Recently, discussions around whether the Federal Reserve will cut interest rates have been widespread. However, as suggested by a series of "hawkish" officials led by Fed Chairman Jerome Powell, the market's expectations for a rate cut have significantly decreased. Nevertheless, a recent warning by J.P. Morgan President and COO Daniel Pinto remains startling, as he indicated that the Fed might not cut rates at all this year.
Many institutions' forecasts are based on the expectation of a rate cut this year, differing only in whether it will be in June or September, and how many cuts there will be. However, during an event in Washington this Thursday, the J.P. Morgan President expressed that the Fed might need more time to cut rates due to persistently high inflation.
Besides the timing of rate cuts, he also discussed the extent of the cuts. Given the stubborn inflation, which is unlikely to ease in the short term, the likelihood of the Fed cutting rates is extremely low, and premature rate cuts could potentially lead to an economic recession.

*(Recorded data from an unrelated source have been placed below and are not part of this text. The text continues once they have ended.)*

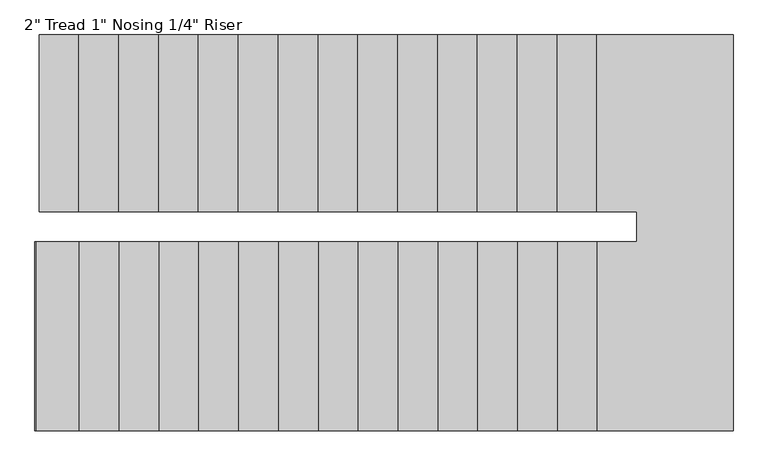
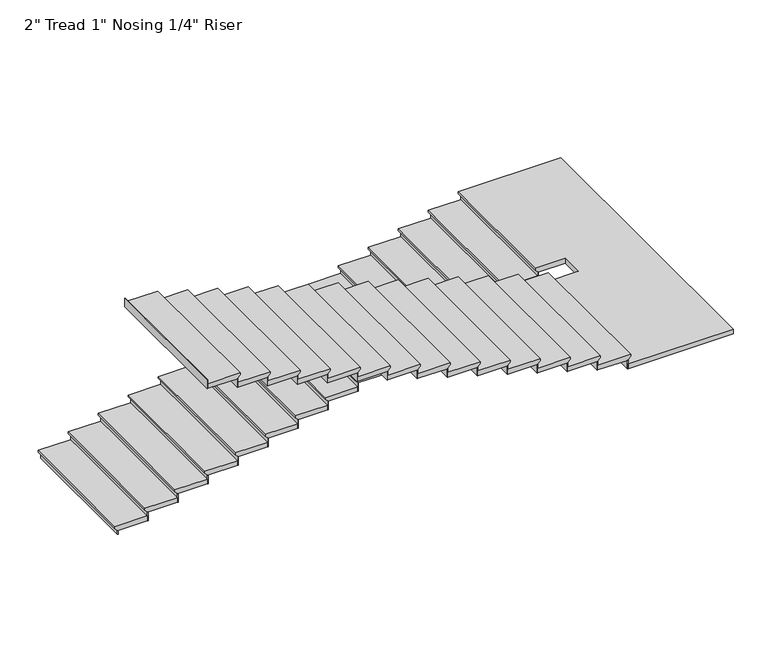
"""IFC4 building model written with IfcOpenShell, lengths in millimetres: stair flight geometry."""

from ifc_helpers import new_model, si_unit, origin, place, context, project, spatial, faceted_brep, source, transform, mapped, element, save


def stair_flight_4df775fc(model_context):
    return source(origin(), model_context, "Body", "Brep", [
        faceted_brep([(-5254.0891351, 11154.2082924, 15312.39), (-5254.0891351, 11154.2082924, 15331.44), (-5254.0891351, 12506.0715905, 15331.44), (-5254.0891351, 12506.0715905, 15312.39), (-5228.6891351, 11154.2082924, 15286.99), (-5228.6891351, 12506.0715905, 15286.99), (-4923.8891351, 11154.2082924, 15331.44), (-4923.8891351, 12506.0715905, 15331.44), (-5228.6891351, 12506.0715905, 15280.64), (-4923.8891351, 12506.0715905, 15280.64), (-4923.8891351, 11154.2082924, 15280.64), (-5228.6891351, 11154.2082924, 15280.64)], [[[0, 1, 2, 3]], [[4, 0, 3, 5]], [[2, 1, 6, 7]], [[8, 9, 10, 11]], [[2, 7, 9, 8, 5, 3]], [[8, 11, 4, 5]], [[6, 1, 0, 4, 11, 10]], [[7, 6, 10, 9]]]),
        faceted_brep([(-5228.6891351, 11154.2082924, 15280.64), (-5228.6891351, 11154.2082924, 15240.0), (-5222.3391351, 11154.2082924, 15240.0), (-5222.3391351, 11154.2082924, 15280.64), (-5228.6891351, 12506.0715905, 15280.64), (-5222.3391351, 12506.0715905, 15280.64), (-5222.3391351, 12506.0715905, 15240.0), (-5228.6891351, 12506.0715905, 15240.0)], [[[0, 1, 2, 3]], [[4, 5, 6, 7]], [[1, 0, 4, 7]], [[2, 1, 7, 6]], [[3, 2, 6, 5]], [[0, 3, 5, 4]]]),
        faceted_brep([(-4923.8891351, 11154.2082924, 15372.08), (-4923.8891351, 11154.2082924, 15280.64), (-4917.5391351, 11154.2082924, 15280.64), (-4917.5391351, 11154.2082924, 15372.08), (-4923.8891351, 12506.0715905, 15372.08), (-4917.5391351, 12506.0715905, 15372.08), (-4917.5391351, 12506.0715905, 15280.64), (-4923.8891351, 12506.0715905, 15280.64)], [[[0, 1, 2, 3]], [[4, 5, 6, 7]], [[1, 0, 4, 7]], [[2, 1, 7, 6]], [[3, 2, 6, 5]], [[0, 3, 5, 4]]]),
        faceted_brep([(-4949.2891351, 12506.0715905, 15422.88), (-4949.2891351, 11154.2082924, 15422.88), (-4619.0891351, 11154.2082924, 15422.88), (-4619.0891351, 12506.0715905, 15422.88), (-4923.8891351, 12506.0715905, 15372.08), (-4619.0891351, 12506.0715905, 15372.08), (-4619.0891351, 11154.2082924, 15372.08), (-4923.8891351, 11154.2082924, 15372.08), (-4923.8891351, 12506.0715905, 15378.43), (-4949.2891351, 12506.0715905, 15403.83), (-4923.8891351, 11154.2082924, 15378.43), (-4949.2891351, 11154.2082924, 15403.83)], [[[0, 1, 2, 3]], [[4, 5, 6, 7]], [[0, 3, 5, 4, 8, 9]], [[4, 7, 10, 8]], [[2, 1, 11, 10, 7, 6]], [[3, 2, 6, 5]], [[11, 1, 0, 9]], [[10, 11, 9, 8]]]),
        faceted_brep([(-4619.0891351, 11154.2082924, 15463.52), (-4619.0891351, 11154.2082924, 15372.08), (-4612.7391351, 11154.2082924, 15372.08), (-4612.7391351, 11154.2082924, 15463.52), (-4619.0891351, 12506.0715905, 15463.52), (-4612.7391351, 12506.0715905, 15463.52), (-4612.7391351, 12506.0715905, 15372.08), (-4619.0891351, 12506.0715905, 15372.08)], [[[0, 1, 2, 3]], [[4, 5, 6, 7]], [[1, 0, 4, 7]], [[2, 1, 7, 6]], [[3, 2, 6, 5]], [[0, 3, 5, 4]]]),
        faceted_brep([(-4644.4891351, 12506.0715905, 15514.32), (-4644.4891351, 11154.2082924, 15514.32), (-4314.2891351, 11154.2082924, 15514.32), (-4314.2891351, 12506.0715905, 15514.32), (-4619.0891351, 12506.0715905, 15463.52), (-4314.2891351, 12506.0715905, 15463.52), (-4314.2891351, 11154.2082924, 15463.52), (-4619.0891351, 11154.2082924, 15463.52), (-4619.0891351, 12506.0715905, 15469.87), (-4644.4891351, 12506.0715905, 15495.27), (-4619.0891351, 11154.2082924, 15469.87), (-4644.4891351, 11154.2082924, 15495.27)], [[[0, 1, 2, 3]], [[4, 5, 6, 7]], [[0, 3, 5, 4, 8, 9]], [[4, 7, 10, 8]], [[2, 1, 11, 10, 7, 6]], [[3, 2, 6, 5]], [[11, 1, 0, 9]], [[10, 11, 9, 8]]]),
        faceted_brep([(-4314.2891351, 11154.2082924, 15554.96), (-4314.2891351, 11154.2082924, 15463.52), (-4307.9391351, 11154.2082924, 15463.52), (-4307.9391351, 11154.2082924, 15554.96), (-4314.2891351, 12506.0715905, 15554.96), (-4307.9391351, 12506.0715905, 15554.96), (-4307.9391351, 12506.0715905, 15463.52), (-4314.2891351, 12506.0715905, 15463.52)], [[[0, 1, 2, 3]], [[4, 5, 6, 7]], [[1, 0, 4, 7]], [[2, 1, 7, 6]], [[3, 2, 6, 5]], [[0, 3, 5, 4]]]),
        faceted_brep([(-4339.6891351, 12506.0715905, 15605.76), (-4339.6891351, 11154.2082924, 15605.76), (-4009.4891351, 11154.2082924, 15605.76), (-4009.4891351, 12506.0715905, 15605.76), (-4314.2891351, 12506.0715905, 15554.96), (-4009.4891351, 12506.0715905, 15554.96), (-4009.4891351, 11154.2082924, 15554.96), (-4314.2891351, 11154.2082924, 15554.96), (-4314.2891351, 12506.0715905, 15561.31), (-4339.6891351, 12506.0715905, 15586.71), (-4314.2891351, 11154.2082924, 15561.31), (-4339.6891351, 11154.2082924, 15586.71)], [[[0, 1, 2, 3]], [[4, 5, 6, 7]], [[0, 3, 5, 4, 8, 9]], [[4, 7, 10, 8]], [[2, 1, 11, 10, 7, 6]], [[3, 2, 6, 5]], [[11, 1, 0, 9]], [[10, 11, 9, 8]]]),
        faceted_brep([(-4009.4891351, 11154.2082924, 15646.4), (-4009.4891351, 11154.2082924, 15554.96), (-4003.1391351, 11154.2082924, 15554.96), (-4003.1391351, 11154.2082924, 15646.4), (-4009.4891351, 12506.0715905, 15646.4), (-4003.1391351, 12506.0715905, 15646.4), (-4003.1391351, 12506.0715905, 15554.96), (-4009.4891351, 12506.0715905, 15554.96)], [[[0, 1, 2, 3]], [[4, 5, 6, 7]], [[1, 0, 4, 7]], [[2, 1, 7, 6]], [[3, 2, 6, 5]], [[0, 3, 5, 4]]]),
        faceted_brep([(-4034.8891351, 12506.0715905, 15697.2), (-4034.8891351, 11154.2082924, 15697.2), (-3704.6891351, 11154.2082924, 15697.2), (-3704.6891351, 12506.0715905, 15697.2), (-4009.4891351, 12506.0715905, 15646.4), (-3704.6891351, 12506.0715905, 15646.4), (-3704.6891351, 11154.2082924, 15646.4), (-4009.4891351, 11154.2082924, 15646.4), (-4009.4891351, 12506.0715905, 15652.75), (-4034.8891351, 12506.0715905, 15678.15), (-4009.4891351, 11154.2082924, 15652.75), (-4034.8891351, 11154.2082924, 15678.15)], [[[0, 1, 2, 3]], [[4, 5, 6, 7]], [[0, 3, 5, 4, 8, 9]], [[4, 7, 10, 8]], [[2, 1, 11, 10, 7, 6]], [[3, 2, 6, 5]], [[11, 1, 0, 9]], [[10, 11, 9, 8]]]),
        faceted_brep([(-3704.6891351, 11154.2082924, 15737.84), (-3704.6891351, 11154.2082924, 15646.4), (-3698.3391351, 11154.2082924, 15646.4), (-3698.3391351, 11154.2082924, 15737.84), (-3704.6891351, 12506.0715905, 15737.84), (-3698.3391351, 12506.0715905, 15737.84), (-3698.3391351, 12506.0715905, 15646.4), (-3704.6891351, 12506.0715905, 15646.4)], [[[0, 1, 2, 3]], [[4, 5, 6, 7]], [[1, 0, 4, 7]], [[2, 1, 7, 6]], [[3, 2, 6, 5]], [[0, 3, 5, 4]]]),
        faceted_brep([(-3730.0891351, 12506.0715905, 15788.64), (-3730.0891351, 11154.2082924, 15788.64), (-3399.8891351, 11154.2082924, 15788.64), (-3399.8891351, 12506.0715905, 15788.64), (-3704.6891351, 12506.0715905, 15737.84), (-3399.8891351, 12506.0715905, 15737.84), (-3399.8891351, 11154.2082924, 15737.84), (-3704.6891351, 11154.2082924, 15737.84), (-3704.6891351, 12506.0715905, 15744.19), (-3730.0891351, 12506.0715905, 15769.59), (-3704.6891351, 11154.2082924, 15744.19), (-3730.0891351, 11154.2082924, 15769.59)], [[[0, 1, 2, 3]], [[4, 5, 6, 7]], [[0, 3, 5, 4, 8, 9]], [[4, 7, 10, 8]], [[2, 1, 11, 10, 7, 6]], [[3, 2, 6, 5]], [[11, 1, 0, 9]], [[10, 11, 9, 8]]]),
        faceted_brep([(-3399.8891351, 11154.2082924, 15829.28), (-3399.8891351, 11154.2082924, 15737.84), (-3393.5391351, 11154.2082924, 15737.84), (-3393.5391351, 11154.2082924, 15829.28), (-3399.8891351, 12506.0715905, 15829.28), (-3393.5391351, 12506.0715905, 15829.28), (-3393.5391351, 12506.0715905, 15737.84), (-3399.8891351, 12506.0715905, 15737.84)], [[[0, 1, 2, 3]], [[4, 5, 6, 7]], [[1, 0, 4, 7]], [[2, 1, 7, 6]], [[3, 2, 6, 5]], [[0, 3, 5, 4]]]),
        faceted_brep([(-3425.2891351, 12506.0715905, 15880.08), (-3425.2891351, 11154.2082924, 15880.08), (-3095.0891351, 11154.2082924, 15880.08), (-3095.0891351, 12506.0715905, 15880.08), (-3399.8891351, 12506.0715905, 15829.28), (-3095.0891351, 12506.0715905, 15829.28), (-3095.0891351, 11154.2082924, 15829.28), (-3399.8891351, 11154.2082924, 15829.28), (-3399.8891351, 12506.0715905, 15835.63), (-3425.2891351, 12506.0715905, 15861.03), (-3399.8891351, 11154.2082924, 15835.63), (-3425.2891351, 11154.2082924, 15861.03)], [[[0, 1, 2, 3]], [[4, 5, 6, 7]], [[0, 3, 5, 4, 8, 9]], [[4, 7, 10, 8]], [[2, 1, 11, 10, 7, 6]], [[3, 2, 6, 5]], [[11, 1, 0, 9]], [[10, 11, 9, 8]]]),
        faceted_brep([(-3095.0891351, 11154.2082924, 15920.72), (-3095.0891351, 11154.2082924, 15829.28), (-3088.7391351, 11154.2082924, 15829.28), (-3088.7391351, 11154.2082924, 15920.72), (-3095.0891351, 12506.0715905, 15920.72), (-3088.7391351, 12506.0715905, 15920.72), (-3088.7391351, 12506.0715905, 15829.28), (-3095.0891351, 12506.0715905, 15829.28)], [[[0, 1, 2, 3]], [[4, 5, 6, 7]], [[1, 0, 4, 7]], [[2, 1, 7, 6]], [[3, 2, 6, 5]], [[0, 3, 5, 4]]]),
        faceted_brep([(-3120.4891351, 12506.0715905, 15971.52), (-3120.4891351, 11154.2082924, 15971.52), (-2790.2891351, 11154.2082924, 15971.52), (-2790.2891351, 12506.0715905, 15971.52), (-3095.0891351, 12506.0715905, 15920.72), (-2790.2891351, 12506.0715905, 15920.72), (-2790.2891351, 11154.2082924, 15920.72), (-3095.0891351, 11154.2082924, 15920.72), (-3095.0891351, 12506.0715905, 15927.07), (-3120.4891351, 12506.0715905, 15952.47), (-3095.0891351, 11154.2082924, 15927.07), (-3120.4891351, 11154.2082924, 15952.47)], [[[0, 1, 2, 3]], [[4, 5, 6, 7]], [[0, 3, 5, 4, 8, 9]], [[4, 7, 10, 8]], [[2, 1, 11, 10, 7, 6]], [[3, 2, 6, 5]], [[11, 1, 0, 9]], [[10, 11, 9, 8]]]),
        faceted_brep([(-2790.2891351, 11154.2082924, 16012.16), (-2790.2891351, 11154.2082924, 15920.72), (-2783.9391351, 11154.2082924, 15920.72), (-2783.9391351, 11154.2082924, 16012.16), (-2790.2891351, 12506.0715905, 16012.16), (-2783.9391351, 12506.0715905, 16012.16), (-2783.9391351, 12506.0715905, 15920.72), (-2790.2891351, 12506.0715905, 15920.72)], [[[0, 1, 2, 3]], [[4, 5, 6, 7]], [[1, 0, 4, 7]], [[2, 1, 7, 6]], [[3, 2, 6, 5]], [[0, 3, 5, 4]]]),
        faceted_brep([(-2815.6891351, 12506.0715905, 16062.96), (-2815.6891351, 11154.2082924, 16062.96), (-2485.4891351, 11154.2082924, 16062.96), (-2485.4891351, 12506.0715905, 16062.96), (-2790.2891351, 12506.0715905, 16012.16), (-2485.4891351, 12506.0715905, 16012.16), (-2485.4891351, 11154.2082924, 16012.16), (-2790.2891351, 11154.2082924, 16012.16), (-2790.2891351, 12506.0715905, 16018.51), (-2815.6891351, 12506.0715905, 16043.91), (-2790.2891351, 11154.2082924, 16018.51), (-2815.6891351, 11154.2082924, 16043.91)], [[[0, 1, 2, 3]], [[4, 5, 6, 7]], [[0, 3, 5, 4, 8, 9]], [[4, 7, 10, 8]], [[2, 1, 11, 10, 7, 6]], [[3, 2, 6, 5]], [[11, 1, 0, 9]], [[10, 11, 9, 8]]]),
        faceted_brep([(-2485.4891351, 11154.2082924, 16103.6), (-2485.4891351, 11154.2082924, 16012.16), (-2479.1391351, 11154.2082924, 16012.16), (-2479.1391351, 11154.2082924, 16103.6), (-2485.4891351, 12506.0715905, 16103.6), (-2479.1391351, 12506.0715905, 16103.6), (-2479.1391351, 12506.0715905, 16012.16), (-2485.4891351, 12506.0715905, 16012.16)], [[[0, 1, 2, 3]], [[4, 5, 6, 7]], [[1, 0, 4, 7]], [[2, 1, 7, 6]], [[3, 2, 6, 5]], [[0, 3, 5, 4]]]),
        faceted_brep([(-2510.8891351, 12506.0715905, 16154.4), (-2510.8891351, 11154.2082924, 16154.4), (-2180.6891351, 11154.2082924, 16154.4), (-2180.6891351, 12506.0715905, 16154.4), (-2485.4891351, 12506.0715905, 16103.6), (-2180.6891351, 12506.0715905, 16103.6), (-2180.6891351, 11154.2082924, 16103.6), (-2485.4891351, 11154.2082924, 16103.6), (-2485.4891351, 12506.0715905, 16109.95), (-2510.8891351, 12506.0715905, 16135.35), (-2485.4891351, 11154.2082924, 16109.95), (-2510.8891351, 11154.2082924, 16135.35)], [[[0, 1, 2, 3]], [[4, 5, 6, 7]], [[0, 3, 5, 4, 8, 9]], [[4, 7, 10, 8]], [[2, 1, 11, 10, 7, 6]], [[3, 2, 6, 5]], [[11, 1, 0, 9]], [[10, 11, 9, 8]]]),
        faceted_brep([(-2180.6891351, 11154.2082924, 16195.04), (-2180.6891351, 11154.2082924, 16103.6), (-2174.3391351, 11154.2082924, 16103.6), (-2174.3391351, 11154.2082924, 16195.04), (-2180.6891351, 12506.0715905, 16195.04), (-2174.3391351, 12506.0715905, 16195.04), (-2174.3391351, 12506.0715905, 16103.6), (-2180.6891351, 12506.0715905, 16103.6)], [[[0, 1, 2, 3]], [[4, 5, 6, 7]], [[1, 0, 4, 7]], [[2, 1, 7, 6]], [[3, 2, 6, 5]], [[0, 3, 5, 4]]]),
        faceted_brep([(-2206.0891351, 12506.0715905, 16245.84), (-2206.0891351, 11154.2082924, 16245.84), (-1875.8891351, 11154.2082924, 16245.84), (-1875.8891351, 12506.0715905, 16245.84), (-2180.6891351, 12506.0715905, 16195.04), (-1875.8891351, 12506.0715905, 16195.04), (-1875.8891351, 11154.2082924, 16195.04), (-2180.6891351, 11154.2082924, 16195.04), (-2180.6891351, 12506.0715905, 16201.39), (-2206.0891351, 12506.0715905, 16226.79), (-2180.6891351, 11154.2082924, 16201.39), (-2206.0891351, 11154.2082924, 16226.79)], [[[0, 1, 2, 3]], [[4, 5, 6, 7]], [[0, 3, 5, 4, 8, 9]], [[4, 7, 10, 8]], [[2, 1, 11, 10, 7, 6]], [[3, 2, 6, 5]], [[11, 1, 0, 9]], [[10, 11, 9, 8]]]),
        faceted_brep([(-1875.8891351, 11154.2082924, 16286.48), (-1875.8891351, 11154.2082924, 16195.04), (-1869.5391351, 11154.2082924, 16195.04), (-1869.5391351, 11154.2082924, 16286.48), (-1875.8891351, 12506.0715905, 16286.48), (-1869.5391351, 12506.0715905, 16286.48), (-1869.5391351, 12506.0715905, 16195.04), (-1875.8891351, 12506.0715905, 16195.04)], [[[0, 1, 2, 3]], [[4, 5, 6, 7]], [[1, 0, 4, 7]], [[2, 1, 7, 6]], [[3, 2, 6, 5]], [[0, 3, 5, 4]]]),
        faceted_brep([(-1901.2891351, 12506.0715905, 16337.28), (-1901.2891351, 11154.2082924, 16337.28), (-1571.0891351, 11154.2082924, 16337.28), (-1571.0891351, 12506.0715905, 16337.28), (-1875.8891351, 12506.0715905, 16286.48), (-1571.0891351, 12506.0715905, 16286.48), (-1571.0891351, 11154.2082924, 16286.48), (-1875.8891351, 11154.2082924, 16286.48), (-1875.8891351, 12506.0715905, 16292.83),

This series of pessimistic expectations stems from recent economic data, which shows that the current inflation in the United States is far higher than earlier predictions, more stubborn than many institutions had anticipated. This has led to even more pessimistic expectations for rate cuts, prompting various Federal Reserve officials to hint as much.
Recently, Fed Chairman Jerome Powell, Fed Vice Chairman Philip Jefferson, and the third-ranking Fed official, Williams, have all made consecutive "hawkish" statements. Their main point has been consistent: excessively high inflation means that more time is needed, making quick rate cuts unlikely.
Previously, J.P. Morgan CEO Jamie Dimon also expressed his view that sustained inflation pressure could likely delay rate cuts, potentially even beyond market expectations. His company has already prepared to accept this situation.